The Early Emigrants
by Ian Smith
Photographs © Ken Ward
"The prospect of transatlantic emigration for such people would have been akin to a voyage to the moon for us. Indeed it was even more daunting than a space shot." - Such was one of the conclusions reached by Roger Thompson in his exhaustive study of East Anglian participation in the Great Migration to New England.
What then motivated these seventeenth century emigrants and others who came after to launch themselves into the unknown? And are there any special factors which apply in particular to those Norfolk men and women who abandoned their native county?
One such factor was a spirit of commercial enterprise, thanks to which Norwich had already developed into a thriving, outward-looking city and Norfolk into the centre of a successful textile industry.
Among those Norfolk adventurers seeking fresh fields to conquer were a handful who helped to establish the very first English New World settlement in Virginia in the early 1600s.

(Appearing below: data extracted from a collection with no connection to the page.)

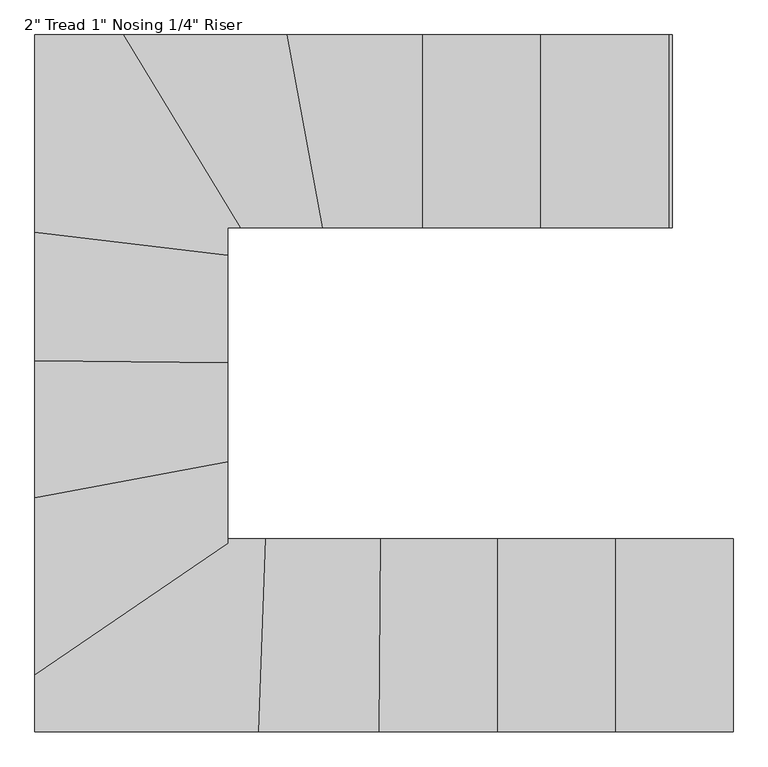
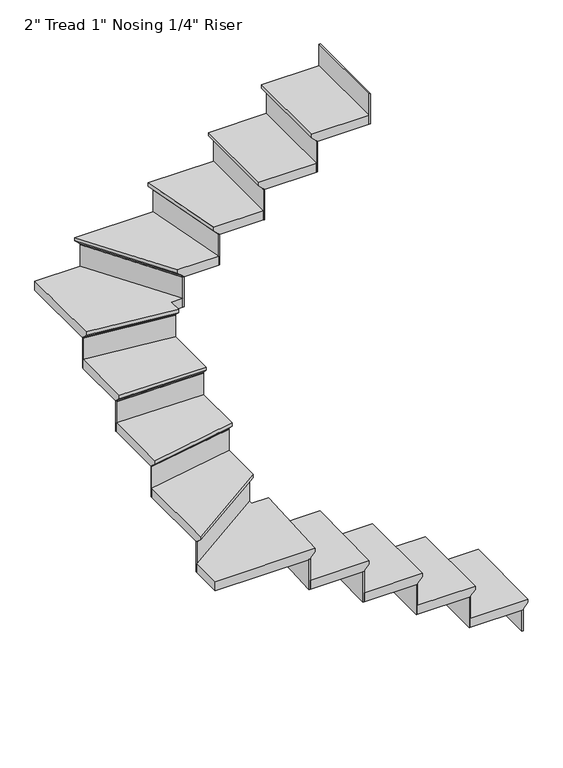
"""IFC4 building model written with IfcOpenShell, lengths in millimetres: stair flight geometry."""

from ifc_helpers import new_model, si_unit, origin, place, context, project, spatial, faceted_brep, source, transform, mapped, element, save


def stair_flight_132ddc74(model_context):
    return source(origin(), model_context, "Body", "Brep", [
        faceted_brep([(-10847.2047602, 4039.299435, 488.95), (-10847.2047602, 4039.299435, 508.0), (-10847.2047602, 3582.099435, 508.0), (-10847.2047602, 3582.099435, 488.95), (-10872.6047602, 4039.299435, 463.55), (-10872.6047602, 3582.099435, 463.55), (-11152.0047602, 4039.299435, 508.0), (-11152.0047602, 3582.099435, 508.0), (-10872.6047602, 3582.099435, 457.2), (-11152.0047602, 3582.099435, 457.2), (-11152.0047602, 4039.299435, 457.2), (-10872.6047602, 4039.299435, 457.2)], [[[0, 1, 2, 3]], [[4, 0, 3, 5]], [[2, 1, 6, 7]], [[8, 9, 10, 11]], [[2, 7, 9, 8, 5, 3]], [[8, 11, 4, 5]], [[6, 1, 0, 4, 11, 10]], [[7, 6, 10, 9]]]),
        faceted_brep([(-10872.6047602, 4039.299435, 457.2), (-10872.6047602, 4039.299435, 338.6666667), (-10878.9547602, 4039.299435, 338.6666667), (-10878.9547602, 4039.299435, 457.2), (-10872.6047602, 3582.099435, 457.2), (-10878.9547602, 3582.099435, 457.2), (-10878.9547602, 3582.099435, 338.6666667), (-10872.6047602, 3582.099435, 338.6666667)], [[[0, 1, 2, 3]], [[4, 5, 6, 7]], [[1, 0, 4, 7]], [[2, 1, 7, 6]], [[3, 2, 6, 5]], [[0, 3, 5, 4]]]),
        faceted_brep([(-11152.0047602, 4039.299435, 626.5333333), (-11152.0047602, 4039.299435, 457.2), (-11158.3547602, 4039.299435, 457.2), (-11158.3547602, 4039.299435, 626.5333333), (-11152.0047602, 3582.099435, 626.5333333), (-11158.3547602, 3582.099435, 626.5333333), (-11158.3547602, 3582.099435, 457.2), (-11152.0047602, 3582.099435, 457.2)], [[[0, 1, 2, 3]], [[4, 5, 6, 7]], [[1, 0, 4, 7]], [[2, 1, 7, 6]], [[3, 2, 6, 5]], [[0, 3, 5, 4]]]),
        faceted_brep([(-11126.6047602, 3582.099435, 677.3333333), (-11126.6047602, 4039.299435, 677.3333333), (-11431.4047602, 4039.299435, 677.3333333), (-11431.4047602, 3582.099435, 677.3333333), (-11152.0047602, 3582.099435, 626.5333333), (-11431.4047602, 3582.099435, 626.5333333), (-11431.4047602, 4039.299435, 626.5333333), (-11152.0047602, 4039.299435, 626.5333333), (-11152.0047602, 3582.099435, 632.8833333), (-11126.6047602, 3582.099435, 658.2833333), (-11152.0047602, 4039.299435, 632.8833333), (-11126.6047602, 4039.299435, 658.2833333)], [[[0, 1, 2, 3]], [[4, 5, 6, 7]], [[0, 3, 5, 4, 8, 9]], [[4, 7, 10, 8]], [[2, 1, 11, 10, 7, 6]], [[3, 2, 6, 5]], [[11, 1, 0, 9]], [[10, 11, 9, 8]]]),
        faceted_brep([(-11431.4047602, 4039.299435, 795.8666667), (-11431.4047602, 4039.299435, 626.5333333), (-11437.7547602, 4039.299435, 626.5333333), (-11437.7547602, 4039.299435, 795.8666667), (-11431.4047602, 3582.099435, 795.8666667), (-11437.7547602, 3582.099435, 795.8666667), (-11437.7547602, 3582.099435, 626.5333333), (-11431.4047602, 3582.099435, 626.5333333)], [[[0, 1, 2, 3]], [[4, 5, 6, 7]], [[1, 0, 4, 7]], [[2, 1, 7, 6]], [[3, 2, 6, 5]], [[0, 3, 5, 4]]]),
        faceted_brep([(-11406.0047602, 3582.099435, 846.6666667), (-11406.0047602, 4039.299435, 846.6666667), (-11708.6929844, 4039.299435, 846.6666667), (-11712.9187058, 3582.099435, 846.6666667), (-11431.4047602, 3582.099435, 795.8666667), (-11712.9187058, 3582.099435, 795.8666667), (-11708.6929844, 4039.299435, 795.8666667), (-11431.4047602, 4039.299435, 795.8666667), (-11431.4047602, 3582.099435, 802.2166667), (-11406.0047602, 3582.099435, 827.6166667), (-11431.4047602, 4039.299435, 802.2166667), (-11406.0047602, 4039.299435, 827.6166667)], [[[0, 1, 2, 3]], [[4, 5, 6, 7]], [[0, 3, 5, 4, 8, 9]], [[4, 7, 10, 8]], [[2, 1, 11, 10, 7, 6]], [[3, 2, 6, 5]], [[11, 1, 0, 9]], [[10, 11, 9, 8]]]),
        faceted_brep([(-11708.6929844, 4039.299435, 965.2), (-11708.6929844, 4039.299435, 795.8666667), (-11715.0432556, 4039.299435, 795.8666667), (-11715.0432556, 4039.299435, 965.2), (-11712.9187058, 3582.099435, 965.2), (-11719.268977, 3582.099435, 965.2), (-11719.268977, 3582.099435, 795.8666667), (-11712.9187058, 3582.099435, 795.8666667)], [[[0, 1, 2, 3]], [[4, 5, 6, 7]], [[1, 0, 4, 7]], [[2, 1, 7, 6]], [[3, 2, 6, 5]], [[0, 3, 5, 4]]]),
        faceted_brep([(-11687.5176209, 3582.099435, 1016.0), (-11683.2918995, 4039.299435, 1016.0), (-11981.9484639, 4039.299435, 1016.0), (-11998.4943115, 3582.099435, 1016.0), (-11712.9187058, 3582.099435, 965.2), (-11998.4943115, 3582.099435, 965.2), (-11981.9484639, 4039.299435, 965.2), (-11708.6929844, 4039.299435, 965.2), (-11712.9187058, 3582.099435, 971.55), (-11687.5176209, 3582.099435, 996.95), (-11708.6929844, 4039.299435, 971.55), (-11683.2918995, 4039.299435, 996.95)], [[[0, 1, 2, 3]], [[4, 5, 6, 7]], [[0, 3, 5, 4, 8, 9]], [[4, 7, 10, 8]], [[2, 1, 11, 10, 7, 6]], [[3, 2, 6, 5]], [[11, 1, 0, 9]], [[10, 11, 9, 8]]]),
        faceted_brep([(-11981.9484639, 4039.299435, 1134.5333333), (-11981.9484639, 4039.299435, 965.2), (-11988.3026208, 4039.299435, 965.2), (-11988.3026208, 4039.299435, 1134.5333333), (-11998.4943115, 3582.099435, 1134.5333333), (-12004.8484684, 3582.099435, 1134.5333333), (-12004.8484684, 3582.099435, 965.2), (-11998.4943115, 3582.099435, 965.2)], [[[0, 1, 2, 3]], [[4, 5, 6, 7]], [[1, 0, 4, 7]], [[2, 1, 7, 6]], [[3, 2, 6, 5]], [[0, 3, 5, 4]]]),
        faceted_brep([(-12501.9364521, 3747.8081502, 1185.3333333), (-12501.9364521, 3582.099435, 1185.3333333), (-11973.077684, 3582.099435, 1185.3333333), (-11956.5318364, 4039.299435, 1185.3333333), (-12044.7364521, 4039.299435, 1185.3333333), (-12044.7364521, 4058.9952275, 1185.3333333), (-12501.9364521, 3582.099435, 1134.5333333), (-12501.9364521, 3747.8081502, 1134.5333333), (-12044.7364521, 4058.9952275, 1134.5333333), (-12044.7364521, 4039.299435, 1134.5333333), (-11981.9484639, 4039.299435, 1134.5333333), (-11998.4943115, 3582.099435, 1134.5333333), (-11981.9484639, 4039.299435, 1140.8833333), (-11998.4943115, 3582.099435, 1140.8833333), (-11956.5318364, 4039.299435, 1166.2833333), (-11973.077684, 3582.099435, 1166.2833333)], [[[0, 1, 2, 3, 4, 5]], [[6, 7, 8, 9, 10, 11]], [[1, 0, 7, 6]], [[11, 10, 12, 13]], [[4, 3, 14, 12, 10, 9]], [[0, 5, 8, 7]], [[14, 3, 2, 15]], [[12, 14, 15, 13]], [[2, 1, 6, 11, 13, 15]], [[5, 4, 9, 8]]]),
        faceted_brep([(-12044.7364521, 4058.9952275, 1303.8666667), (-12044.7364521, 4058.9952275, 1134.5333333), (-12044.7364521, 4066.6765395, 1134.5333333), (-12044.7364521, 4066.6765395, 1303.8666667), (-12501.9364521, 3747.8081502, 1303.8666667), (-12501.9364521, 3755.4894621, 1303.8666667), (-12501.9364521, 3755.4894621, 1134.5333333), (-12501.9364521, 3747.8081502, 1134.5333333)], [[[0, 1, 2, 3]], [[4, 5, 6, 7]], [[1, 0, 4, 7]], [[2, 1, 7, 6]], [[3, 2, 6, 5]], [[0, 3, 5, 4]]]),
        faceted_brep([(-12501.9364521, 3717.0829023, 1354.6666667), (-12044.7364521, 4028.2699796, 1354.6666667), (-12044.7364521, 4246.917794, 1354.6666667), (-12501.9364521, 4162.7485719, 1354.6666667), (-12501.9364521, 3747.8081502, 1303.8666667), (-12501.9364521, 4162.7485719, 1303.8666667), (-12044.7364521, 4246.917794, 1303.8666667), (-12044.7364521, 4058.9952275, 1303.8666667), (-12501.9364521, 3747.8081502, 1310.2166667), (-12501.9364521, 3717.0829023, 1335.6166667), (-12044.7364521, 4058.9952275, 1310.2166667), (-12044.7364521, 4028.2699796, 1335.6166667)], [[[0, 1, 2, 3]], [[4, 5, 6, 7]], [[0, 3, 5, 4, 8, 9]], [[4, 7, 10, 8]], [[3, 2, 6, 5]], [[11, 1, 0, 9]], [[10, 11, 9, 8]], [[2, 1, 11, 10, 7, 6]]]),
        faceted_brep([(-12044.7364521, 4246.917794, 1473.2), (-12044.7364521, 4246.917794, 1303.8666667), (-12044.7364521, 4253.3745038, 1303.8666667), (-12044.7364521, 4253.3745038, 1473.2), (-12501.9364521, 4162.7485719, 1473.2), (-12501.9364521, 4169.2052817, 1473.2), (-12501.9364521, 4169.2052817, 1303.8666667), (-12501.9364521, 4162.7485719, 1303.8666667)], [[[0, 1, 2, 3]], [[4, 5, 6, 7]], [[1, 0, 4, 7]], [[2, 1, 7, 6]], [[3, 2, 6, 5]], [[0, 3, 5, 4]]]),
        faceted_brep([(-12501.9364521, 4136.921733, 1524.0), (-12044.7364521, 4221.0909551, 1524.0), (-12044.7364521, 4481.5064231, 1524.0), (-12501.9364521, 4486.1088388, 1524.0), (-12501.9364521, 4162.7485719, 1473.2), (-12501.9364521, 4486.1088388, 1473.2), (-12044.7364521, 4481.5064231, 1473.2), (-12044.7364521, 4246.917794, 1473.2), (-12501.9364521, 4162.7485719, 1479.55), (-12501.9364521, 4136.921733, 1504.95), (-12044.7364521, 4246.917794, 1479.55), (-12044.7364521, 4221.0909551, 1504.95)], [[[0, 1, 2, 3]], [[4, 5, 6, 7]], [[0, 3, 5, 4, 8, 9]], [[4, 7, 10, 8]], [[2, 1, 11, 10, 7, 6]], [[3, 2, 6, 5]], [[11, 1, 0, 9]], [[10, 11, 9, 8]]]),
        faceted_brep([(-12044.7364521, 4481.5064231, 1642.5333333), (-12044.7364521, 4481.5064231, 1473.2), (-12044.7364521, 4487.8567448, 1473.2), (-12044.7364521, 4487.8567448, 1642.5333333), (-12501.9364521, 4486.1088388, 1642.5333333), (-12501.9364521, 4492.4591605, 1642.5333333), (-12501.9364521, 4492.4591605, 1473.2), (-12501.9364521, 4486.1088388, 1473.2)], [[[0, 1, 2, 3]], [[4, 5, 6, 7]], [[1, 0, 4, 7]], [[2, 1, 7, 6]], [[3, 2, 6, 5]], [[0, 3, 5, 4]]]),
        faceted_brep([(-12501.9364521, 4460.7075518, 1693.3333333), (-12044.7364521, 4456.1051362, 1693.3333333), (-12044.7364521, 4736.0810551, 1693.3333333), (-12501.9364521, 4790.6927531, 1693.3333333), (-12501.9364521, 4486.1088388, 1642.5333333), (-12501.9364521, 4790.6927531, 1642.5333333), (-12044.7364521, 4736.0810551, 1642.5333333), (-12044.7364521, 4481.5064231, 1642.5333333), (-12501.9364521, 4486.1088388, 1648.8833333), (-12501.9364521, 4460.7075518, 1674.2833333), (-12044.7364521, 4481.5064231, 1648.8833333), (-12044.7364521, 4456.1051362, 1674.2833333)], [[[0, 1, 2, 3]], [[4, 5, 6, 7]], [[0, 3, 5, 4, 8, 9]], [[4, 7, 10, 8]], [[3, 2, 6, 5]], [[11, 1, 0, 9]], [[10, 11, 9, 8]], [[2, 1, 11, 10, 7, 6]]]),
        faceted_brep([(-12044.7364521, 4736.0810551, 1811.8666667), (-12044.7364521, 4736.0810551, 1642.5333333), (-12044.7364521, 4742.4761952, 1642.5333333), (-12044.7364521, 4742.4761952, 1811.8666667), (-12501.9364521, 4790.6927531, 1811.8666667), (-12501.9364521, 4797.0878931, 1811.8666667), (-12501.9364521, 4797.0878931, 1642.5333333), (-12501.9364521, 4790.6927531, 1642.5333333)], [[[0, 1, 2, 3]], [[4, 5, 6, 7]], [[1, 0, 4, 7]], [[2, 1, 7, 6]], [[3, 2, 6, 5]], [[0, 3, 5, 4]]]),
        faceted_brep([(-12261.8071685, 5233.099435, 1862.6666667), (-12501.9364521, 5233.099435, 1862.6666667), (-12501.9364521, 4765.112193, 1862.6666667), (-12044.7364521, 4710.5004951, 1862.6666667), (-12044.7364521, 4775.899435, 1862.6666667), (-11984.9256637, 4775.899435, 1862.6666667), (-12501.9364521, 5233.099435, 1811.8666667), (-12261.8071685, 5233.099435, 1811.8666667), (-11984.9256637, 4775.899435, 1811.8666667), (-12044.7364521, 4775.899435, 1811.8666667), (-12044.7364521, 4736.0810551, 1811.8666667), (-12501.9364521, 4790.6927531, 1811.8666667), (-12044.7364521, 4736.0810551, 1818.2166667), (-12501.9364521, 4790.6927531, 1818.2166667), (-12044.7364521, 4710.5004951, 1843.6166667), (-12501.9364521, 4765.112193, 1843.6166667)], [[[0, 1, 2, 3, 4, 5]], [[6, 7, 8, 9, 10, 11]], [[1, 0, 7, 6]], [[11, 10, 12, 13]], [[4, 3, 14, 12, 10, 9]], [[0, 5, 8, 7]], [[14, 3, 2, 15]], [[12, 14, 15, 13]], [[2, 1, 6, 11, 13, 15]], [[5, 4, 9, 8]]]),
        faceted_brep([(-11984.9256637, 4775.899435, 1981.2), (-11984.9256637, 4775.899435, 1811.8666667), (-11977.5019881, 4775.899435, 1811.8666667), (-11977.5019881, 4775.899435, 1981.2), (-12261.8071685, 5233.099435, 1981.2), (-12254.383493, 5233.099435, 1981.2), (-12254.383493, 5233.099435, 1811.8666667), (-12261.8071685, 5233.099435, 1811.8666667)], [[[0, 1, 2, 3]], [[4, 5, 6, 7]], [[1, 0, 4, 7]], [[2, 1, 7, 6]], [[3, 2, 6, 5]], [[0, 3, 5, 4]]]),
        faceted_brep([(-12291.5018706, 5233.099435, 2032.0), (-12014.6203657, 4775.899435, 2032.0), (-11794.3409035, 4775.899435, 2032.0), (-11877.5314837, 5233.099435, 2032.0), (-12261.8071685, 5233.099435, 1981.2), (-11877.5314837, 5233.099435, 1981.2), (-11794.3409035, 4775.899435, 1981.2), (-11984.9256637, 4775.899435, 1981.2), (-12261.8071685, 5233.099435, 1987.55), (-12291.5018706, 5233.099435, 2012.95), (-11984.9256637, 4775.899435, 1987.55), (-12014.6203657, 4775.899435, 2012.95)], [[[0, 1, 2, 3]], [[4, 5, 6, 7]], [[0, 3, 5, 4, 8, 9]], [[4, 7, 10, 8]], [[2, 1, 11, 10, 7, 6]], [[3, 2, 6, 5]], [[11, 1, 0, 9]], [[10, 11, 9, 8]]]),
        faceted_brep([(-11794.3409035, 4775.899435, 2150.5333333), (-11794.3409035, 4775.899435, 1981.2), (-11787.8866408, 4775.899435, 1981.2), (-11787.8866408, 4775.899435, 2150.5333333), (-11877.5314837, 5233.099435, 2150.5333333), (-11871.0772211, 5233.099435, 2150.5333333), (-11871.0772211, 5233.099435, 1981.2), (-11877.5314837, 5233.099435, 1981.2)], [[[0, 1, 2, 3]], [[4, 5, 6, 7]], [[1, 0, 4, 7]], [[2, 1, 7, 6]], [[3, 2, 6, 5]], [[0, 3, 5, 4]]]),
        faceted_brep([(-11903.3485343, 5233.099435, 2201.3333333), (-11820.157954, 4775.899435, 2201.3333333), (-11556.9532442, 4775.899435, 2201.3333333), (-11556.9532442, 5233.099435, 2201.3333333), (-11877.5314837, 5233.099435, 2150.5333333), (-11556.9532442, 5233.099435, 2150.5333333), (-11556.9532442, 4775.899435, 2150.5333333), (-11794.3409035, 4775.899435, 2150.5333333), (-11877.5314837, 5233.099435, 2156.8833333), (-11903.3485343, 5233.099435, 2182.2833333), (-11794.3409035, 4775.899435, 2156.8833333), (-11820.157954, 4775.899435, 2182.2833333)], [[[0, 1, 2, 3]], [[4, 5, 6, 7]], [[0, 3, 5, 4, 8, 9]], [[4, 7, 10, 8]], [[2, 1, 11, 10, 7, 6]], [[3, 2, 6, 5]], [[11, 1, 0, 9]], [[10, 11, 9, 8]]]),
        faceted_brep([(-11556.9532442, 4775.899435, 2319.8666667), (-11556.9532442, 4775.899435, 2150.5333333), (-11550.6032442, 4775.899435, 2150.5333333), (-11550.6032442, 4775.899435, 2319.8666667), (-11556.9532442, 5233.099435, 2319.8666667), (-11550.6032442, 5233.099435, 2319.8666667), (-11550.6032442, 5233.099435, 2150.5333333), (-11556.9532442, 5233.099435, 2150.5333333)], [[[0, 1, 2, 3]], [[4, 5, 6, 7]], [[1, 0, 4, 7]], [[2, 1, 7, 6]], [[3, 2, 6, 5]], [[0, 3, 5, 4]]]),
        faceted_brep([(-11582.3532442, 5233.099435, 2370.6666667), (-11582.3532442, 4775.899435, 2370.6666667), (-11277.5532442, 4775.899435, 2370.6666667), (-11277.5532442, 5233.099435, 2370.6666667), (-11556.9532442, 5233.099435, 2319.8666667), (-11277.5532442, 5233.099435, 2319.8666667), (-11277.5532442, 4775.899435, 2319.8666667), (-11556.9532442, 4775.899435, 2319.8666667), (-11556.9532442, 5233.099435, 2326.2166667), (-11582.3532442, 5233.099435, 2351.6166667), (-11556.9532442, 4775.899435, 2326.2166667), (-11582.3532442, 4775.899435, 2351.6166667)], [[[0, 1, 2, 3]], [[4, 5, 6, 7]], [[0, 3, 5, 4, 8, 9]], [[4, 7, 10, 8]], [[2, 1, 11, 10, 7, 6]], [[3, 2, 6, 5]], [[11, 1, 0, 9]], [[10, 11, 9, 8]]]),
        faceted_brep([(-11277.5532442, 4775.899435, 2489.2), (-11277.5532442, 4775.899435, 2319.8666667), (-11271.2032442, 4775.899435, 2319.8666667), (-11271.2032442, 4775.899435, 2489.2), (-11277.5532442, 5233.099435, 2489.2), (-11271.2032442, 5233.099435, 2489.2), (-11271.2032442, 5233.099435, 2319.8666667), (-11277.5532442, 5233.099435, 2319.8666667)], [[[0, 1, 2, 3]], [[4, 5, 6, 7]], [[1, 0, 4, 7]], [[2, 1, 7, 6]], [[3, 2, 6, 5]], [[0, 3, 5, 4]]]),
        faceted_brep([(-10998.1532442, 4775.899435, 2658.5333333), (-10998.1532442, 4775.899435, 2489.2), (-10991.8032442, 4775.899435, 2489.2), (-10991.8032442, 4775.899435, 2658.5333333), (-10998.1532442, 5233.099435, 2658.5333333), (-10991.8032442, 5233.099435, 2658.5333333), (-10991.8032442, 5233.099435, 2489.2), (-10998.1532442, 5233.099435, 2489.2)], [[[0, 1, 2, 3]], [[4, 5, 6, 7]], [[1, 0, 4, 7]], [[2, 1, 7, 6]], [[3, 2, 6, 5]], [[0, 3, 5, 4]]]),
        faceted_brep([(-11302.9532442, 5233.099435, 2540.0), (-11302.9532442, 4775.899435, 2540.0), (-10998.1532442, 4775.899435, 2540.0), (-10998.1532442, 5233.099435, 2540.0), (-11277.5532442, 5233.099435, 2489.2), (-10998.1532442, 5233.099435, 2489.2), (-10998.1532442, 4775.899435, 2489.2), (-11277.5532442, 4775.899435, 2489.2), (-11277.5532442, 5233.099435, 2495.55), (-11302.9532442, 5233.099435, 2520.95), (-11277.5532442, 4775.899435, 2495.55), (-11302.9532442, 4775.899435, 2520.95)], [[[0, 1, 2, 3]], [[4, 5, 6, 7]], [[0, 3, 5, 4, 8, 9]], [[4, 7, 10, 8]], [[2, 1, 11, 10, 7, 6]], [[3, 2, 6, 5]], [[11, 1, 0, 9]], [[10, 11, 9, 8]]]),
    ])


if __name__ == "__main__":
    model = new_model("IFC4")
    model_context = context("Model", 3, world=origin())
    ifc_project = project(units=[si_unit("LENGTHUNIT", "METRE", prefix="MILLI")], contexts=[model_context])
    site = spatial("IfcSite", under=ifc_project)
    building = spatial("IfcBuilding", under=site)
    placement = place(None, origin())
    stair_flight_shape = stair_flight_132ddc74(model_context)
    element("IfcStairFlight", 1, ObjectType="2\" Tread 1\" Nosing 1/4\" Riser", at=placement, inside=building, context=model_context, shape_type="MappedRepresentation", body=[
        mapped(stair_flight_shape, transform((0.0, 0.0, 0.0), x_axis=(1.0, 0.0, 0.0), y_axis=(0.0, 1.0, 0.0), z_axis=(0.0, 0.0, 1.0))),
    ])
    save(model, "model.ifc")

Without outstanding individuals such as John Rolfe of Heacham this fragile foothold may not have survived at all. He saved its economy by introducing tobacco, its first commercial crop, and ensured at least a temporary truce with its native inhabitants by his marriage to their Chief's daughter Pocahontas.
Another factor driving early emigration from Norfolk can be traced to a long tradition of non-conformity and dissent dating right back to the Peasants' Revolt, Kett's Rebellion and the Lollards. Some twenty years after the Virginia settlement several thousand Norfolk Puritans, inheritors of this non-conformist tradition, left their native shore in the footsteps of the 'Pilgrim Fathers' to establish a pure 'Bible Commonwealth' in Massachusetts Bay away from the increasingly intolerant religious climate in England.
Part of a predominantly East Anglian exodus - which became known as the Great Migration - their contribution to the New World was less in terms of outstanding individuals, and more in terms of collective ideals. According to one commentator the way of thinking later characterised by Franklin Roosevelt as the Four Freedoms, 'appeared in Massachusetts within a few years of its founding'. The libertarian ideas of the early colonists were 'deeply embedded in Puritan ideas and also in East Anglian realities'.
After these initial migrations Norfolk genes continued to play a crucial role in the subsequent political history of the North American colonies and later of the USA.
Thomas Paine, the Thetford-born political radical, did more than anyone to change the course of the dispute with the mother country from protest to rebellion and then to independence.
Abraham Lincoln, directly descended from an apprentice weaver who emigrated from Hingham via Norwich in 1637, was perhaps the greatest of all American Presidents.
Later migration from Norfolk - both to North America and elsewhere - was generated more by 'push' than 'pull' factors. A rising rural population combined with an agricultural depression, for example, drove 3,354 people from Norfolk villages to Canada between 1835 and 1837, helped and encouraged both by their unions and the parish ratepayers. Others were going even more involuntarily - on the convict ships to Australia. But whether their migration was voluntary or not, these Norfolk men and women of humble origin all helped to populate and develop these two great dominions.
Place names are then only one aspect of the imprint of Norfolk in distant lands. From commercial adventurers and Puritans to impoverished farmers and convicts, all Norfolk migrants made an important and distinctive contribution to their adopted countries.